I usually apply a starter fertilizer with 18-24-12 or 18-24-6 within the first week of laying down any sod.


----------



## Mightyquinn (Jan 31, 2017)

erdons said:


> I usually apply a starter fertilizer with 18-24-12 or 18-24-6 within the first week of laying down any sod.


+1 You also want to make sure you are keeping the sod moist at all times so if you need to adjust you irrigation, I would do so. After about 2 weeks the sod should start rooting to the ground which you can test by lightly trying to pull up a piece of sod, if you feel resistance than you can start cutting back on the water so the roots will start digging down into the soil deeper. It doesn't matter what brand of fertilizer you get or that the number match up exactly so just get something in the ball park of what erdons suggested. You can go cheap as it's all the same stuff basically.


----------



## Tifway419 (Oct 11, 2017)

I only use Biosol Forte when it comes time to resod or fertilize my tifway 419 works great.

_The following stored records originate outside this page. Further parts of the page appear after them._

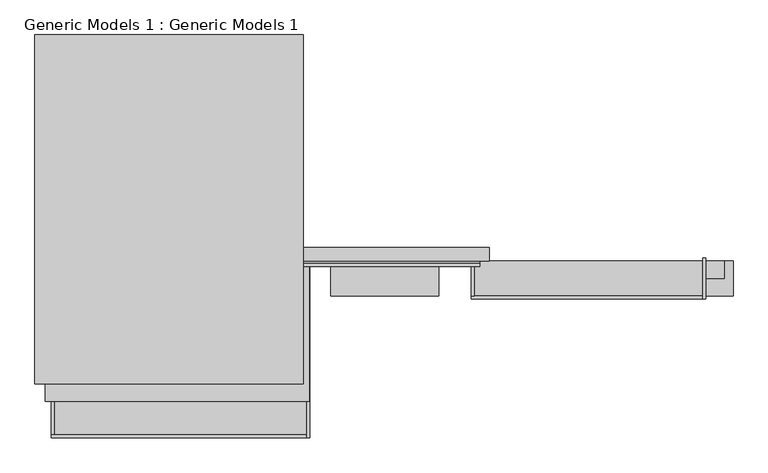
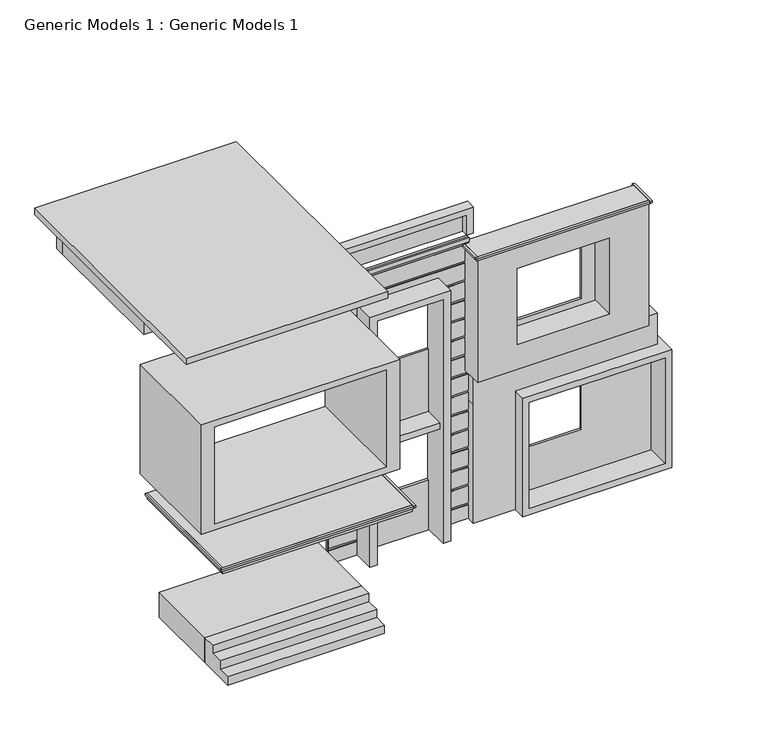
"""IFC4 building model written with IfcOpenShell, lengths in millimetres: proxy geometry, Generic Models 1 : Generic Models 1."""

from ifc_helpers import new_model, si_unit, frame, origin, origin_with_axes, place, context, project, spatial, polyline, outline, extrude, faceted_brep, source, transform, mapped, element, save


def generic_models_1_generic_models_1_556d1784(model_context):
    return source(origin(), model_context, "Body", "SolidModel", [
        extrude(outline(polyline([(-7879.4679297, 143.2196292), (-7879.4679297, -85.3803708), (-8317.6179297, -85.3803708), (-8317.6179297, 143.2196292), (-7879.4679297, 143.2196292)])), frame((0.0, 0.0, 7490.4399671), z_axis=(0.0, 0.0, 1.0), x_axis=(1.0, 0.0, 0.0)), (0.0, 0.0, 1.0), 202.0307064),
        extrude(outline(polyline([(-8031.8679297, 144.1522509), (-8031.8679297, 3685.9303652), (-7879.4679297, 3685.9303652), (-7879.4679297, 144.1522509), (-8031.8679297, 144.1522509)])), frame((0.0, 0.0, 6858.0), z_axis=(0.0, 0.0, 1.0), x_axis=(1.0, 0.0, 0.0)), (0.0, 0.0, 1.0), 834.4706735),
        extrude(outline(polyline([(-9568.5679297, 3838.3303652), (-9339.9679297, 3838.3303652), (-7879.4679297, 3838.3303652), (-7879.4679297, 3685.9303652), (-9339.9679297, 3685.9303652), (-9339.9679297, 3394.4196292), (-9568.5679297, 3394.4196292), (-11930.7679297, 3394.4196292), (-11930.7679297, 143.2196292), (-12159.3679297, 143.2196292), (-12159.3679297, 3394.4196292), (-12159.3679297, 3623.0196292), (-9568.5679297, 3623.0196292), (-9568.5679297, 3838.3303652)])), frame((0.0, 0.0, 6858.0), z_axis=(0.0, 0.0, 1.0), x_axis=(1.0, 0.0, 0.0)), (0.0, 0.0, 1.0), 834.4706735),
        extrude(outline(polyline([(-7879.4679297, -2224.2989686), (-12540.3679297, -2224.2989686), (-12540.3679297, 3838.3303652), (-7879.4679297, 3838.3303652), (-7879.4679297, -2224.2989686)])), frame((0.0, 0.0, 7692.4706735), z_axis=(0.0, 0.0, 1.0), x_axis=(1.0, 0.0, 0.0)), (0.0, 0.0, 1.0), 152.4),
        extrude(outline(polyline([(-8063.6179297, 143.2196292), (-4812.4179297, 143.2196292), (-4812.4179297, 79.7196292), (-8063.6179297, 79.7196292), (-8063.6179297, 143.2196292)])), frame((0.0, 0.0, 6858.0), z_axis=(0.0, 0.0, 1.0), x_axis=(1.0, 0.0, 0.0)), (0.0, 0.0, 1.0), 486.1154283),
        extrude(outline(polyline([(6858.0, -8063.6179297), (7344.1154283, -8063.6179297), (7344.1154283, -4812.4179297), (6858.0, -4812.4179297), (6858.0, -4660.0179297), (7496.5154283, -4660.0179297), (7496.5154283, -8298.5679297), (6858.0, -8298.5679297), (6858.0, -8063.6179297)])), frame((0.0, -85.3803708, 0.0), z_axis=(0.0, 1.0, 0.0), x_axis=(0.0, 0.0, 1.0)), (0.0, 0.0, 1.0), 228.6),
        extrude(outline(polyline([(-900.8179297, -34.5803708), (-900.8179297, -745.7803708), (-951.6179297, -745.7803708), (-951.6179297, -34.5803708), (-900.8179297, -34.5803708)])), frame((0.0, 0.0, 6680.2), z_axis=(0.0, 0.0, 1.0), x_axis=(1.0, 0.0, 0.0)), (0.0, 0.0, 1.0), 50.8),
        extrude(outline(polyline([(-4964.8179297, -694.9803708), (-4964.8179297, -186.9803708), (-4914.0179297, -186.9803708), (-4914.0179297, -694.9803708), (-4964.8179297, -694.9803708)])), frame((0.0, 0.0, 6680.2), z_axis=(0.0, 0.0, 1.0), x_axis=(1.0, 0.0, 0.0)), (0.0, 0.0, 1.0), 50.8),
        extrude(outline(polyline([(-951.6179297, -745.7803708), (-4964.8179297, -745.7803708), (-4964.8179297, -694.9803708), (-951.6179297, -694.9803708), (-951.6179297, -745.7803708)])), frame((0.0, 0.0, 6680.2), z_axis=(0.0, 0.0, 1.0), x_axis=(1.0, 0.0, 0.0)), (0.0, 0.0, 1.0), 50.8),
        extrude(outline(polyline([(4267.2, -4018.6679297), (4267.2, -1885.0679297), (6121.4, -1885.0679297), (6121.4, -4018.6679297), (4267.2, -4018.6679297)]), holes=[polyline([(4419.6, -3713.8679297), (5969.0, -3713.8679297), (5969.0, -2189.8679297), (4419.6, -2189.8679297), (4419.6, -3713.8679297)])]), frame((0.0, -136.1803708, 0.0), z_axis=(0.0, 1.0, 0.0), x_axis=(0.0, 0.0, 1.0)), (0.0, 0.0, 1.0), 50.8),
        extrude(outline(polyline([(1219.2, -2189.8679297), (1219.2, -3713.8679297), (152.4, -3713.8679297), (152.4, -2189.8679297), (152.4, -576.9679297), (2743.2, -576.9679297), (2743.2, -2189.8679297), (1219.2, -2189.8679297)])), frame((0.0, -136.1803708, 0.0), z_axis=(0.0, 1.0, 0.0), x_axis=(0.0, 0.0, 1.0)), (0.0, 0.0, 1.0), 50.8),
        extrude(outline(polyline([(3657.6, -4914.0179297), (3657.6, -951.6179297), (6731.0, -951.6179297), (6731.0, -4914.0179297), (3657.6, -4914.0179297)]), holes=[polyline([(6121.4, -1866.0179297), (4267.2, -1866.0179297), (4267.2, -3999.6179297), (6121.4, -3999.6179297), (6121.4, -1866.0179297)])]), frame((0.0, -694.9803708, 0.0), z_axis=(0.0, 1.0, 0.0), x_axis=(0.0, 0.0, 1.0)), (0.0, 0.0, 1.0), 609.6),
        extrude(outline(polyline([(2895.6, -4836.3153615), (0.0, -4836.3153615), (0.0, -3866.2679297), (2895.6, -3866.2679297), (2895.6, -576.9679297), (3657.6, -576.9679297), (3657.6, -4836.3153615), (2895.6, -4836.3153615)])), frame((0.0, -390.1803708, 0.0), z_axis=(0.0, 1.0, 0.0), x_axis=(0.0, 0.0, 1.0)), (0.0, 0.0, 1.0), 304.8),
        extrude(outline(polyline([(0.0, -3866.2679297), (0.0, -424.5679297), (2895.6, -424.5679297), (2895.6, -3866.2679297), (0.0, -3866.2679297)]), holes=[polyline([(152.4, -3713.8679297), (2743.2, -3713.8679297), (2743.2, -576.9679297), (152.4, -576.9679297), (152.4, -3713.8679297)])]), frame((0.0, -694.9803708, 0.0), z_axis=(0.0, 1.0, 0.0), x_axis=(0.0, 0.0, 1.0)), (0.0, 0.0, 1.0), 609.6),
        faceted_brep([(-8063.6179297, -186.9803708, 0.0), (-7409.7974608, -186.9803708, 0.0), (-7409.7974608, -186.9803708, 333.7154283), (-8063.6179297, -186.9803708, 333.7154283), (-7409.7974608, -186.9803708, 6121.4), (-5535.77405, -186.9803708, 6121.4), (-5535.77405, -186.9803708, 5870.9154283), (-4817.2653615, -186.9803708, 5870.9154283), (-4817.2653615, -186.9803708, 6277.3154283), (-8063.6179297, -186.9803708, 6277.3154283), (-8063.6179297, -186.9803708, 5870.9154283), (-7409.7974608, -186.9803708, 5870.9154283), (-5535.77405, -186.9803708, 0.0), (-4817.2653615, -186.9803708, 0.0), (-4817.2653615, -186.9803708, 333.7154283), (-5535.77405, -186.9803708, 333.7154283), (-4817.2653615, -186.9803708, 6858.0), (-8063.6179297, -186.9803708, 6858.0), (-8063.6179297, -186.9803708, 6759.9154283), (-4817.2653615, -186.9803708, 6759.9154283), (-7409.7974608, -186.9803708, 384.5154283), (-7409.7974608, -186.9803708, 790.9154283), (-8063.6179297, -186.9803708, 790.9154283), (-8063.6179297, -186.9803708, 384.5154283), (-7409.7974608, -186.9803708, 841.7154283), (-7409.7974608, -186.9803708, 1248.1154283), (-8063.6179297, -186.9803708, 1248.1154283), (-8063.6179297, -186.9803708, 841.7154283), (-7409.7974608, -186.9803708, 1298.9154283), (-7409.7974608, -186.9803708, 1705.3154283), (-8063.6179297, -186.9803708, 1705.3154283), (-8063.6179297, -186.9803708, 1298.9154283), (-7409.7974608, -186.9803708, 1756.1154283), (-7409.7974608, -186.9803708, 2162.5154283), (-8063.6179297, -186.9803708, 2162.5154283), (-8063.6179297, -186.9803708, 1756.1154283), (-7409.7974608, -186.9803708, 2213.3154283), (-7409.7974608, -186.9803708, 2619.7154283), (-8063.6179297, -186.9803708, 2619.7154283), (-8063.6179297, -186.9803708, 2213.3154283), (-7409.7974608, -186.9803708, 2670.5154283), (-7409.7974608, -186.9803708, 3076.9154283), (-7749.8885054, -186.9803708, 3076.9154283), (-7749.8885054, -186.9803708, 3127.7154283), (-7409.7974608, -186.9803708, 3127.7154283), (-7409.7974608, -186.9803708, 3534.1154283), (-7860.4179297, -186.9803708, 3534.1154283), (-7860.4179297, -186.9803708, 3584.9154283), (-7409.7974608, -186.9803708, 3584.9154283), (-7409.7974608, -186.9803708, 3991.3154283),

I've never used anyrhing else like 10-10-10 for example. Hope this helps try a bag 20lbs per thousand to start.


----------



## Tellycoleman (May 10, 2017)

You are watering one inch 2 times a day. So does your grass dry out in between watering? When you check mid day under a sod square is it dry. If so then move to 1/2 inch 4 times a day.


----------



## elm34 (May 10, 2017)

Tellycoleman said:


> You are watering one inch 2 times a day. So does your grass dry out in between watering? When you check mid day under a sod square is it dry. If so then move to 1/2 inch 4 times a day.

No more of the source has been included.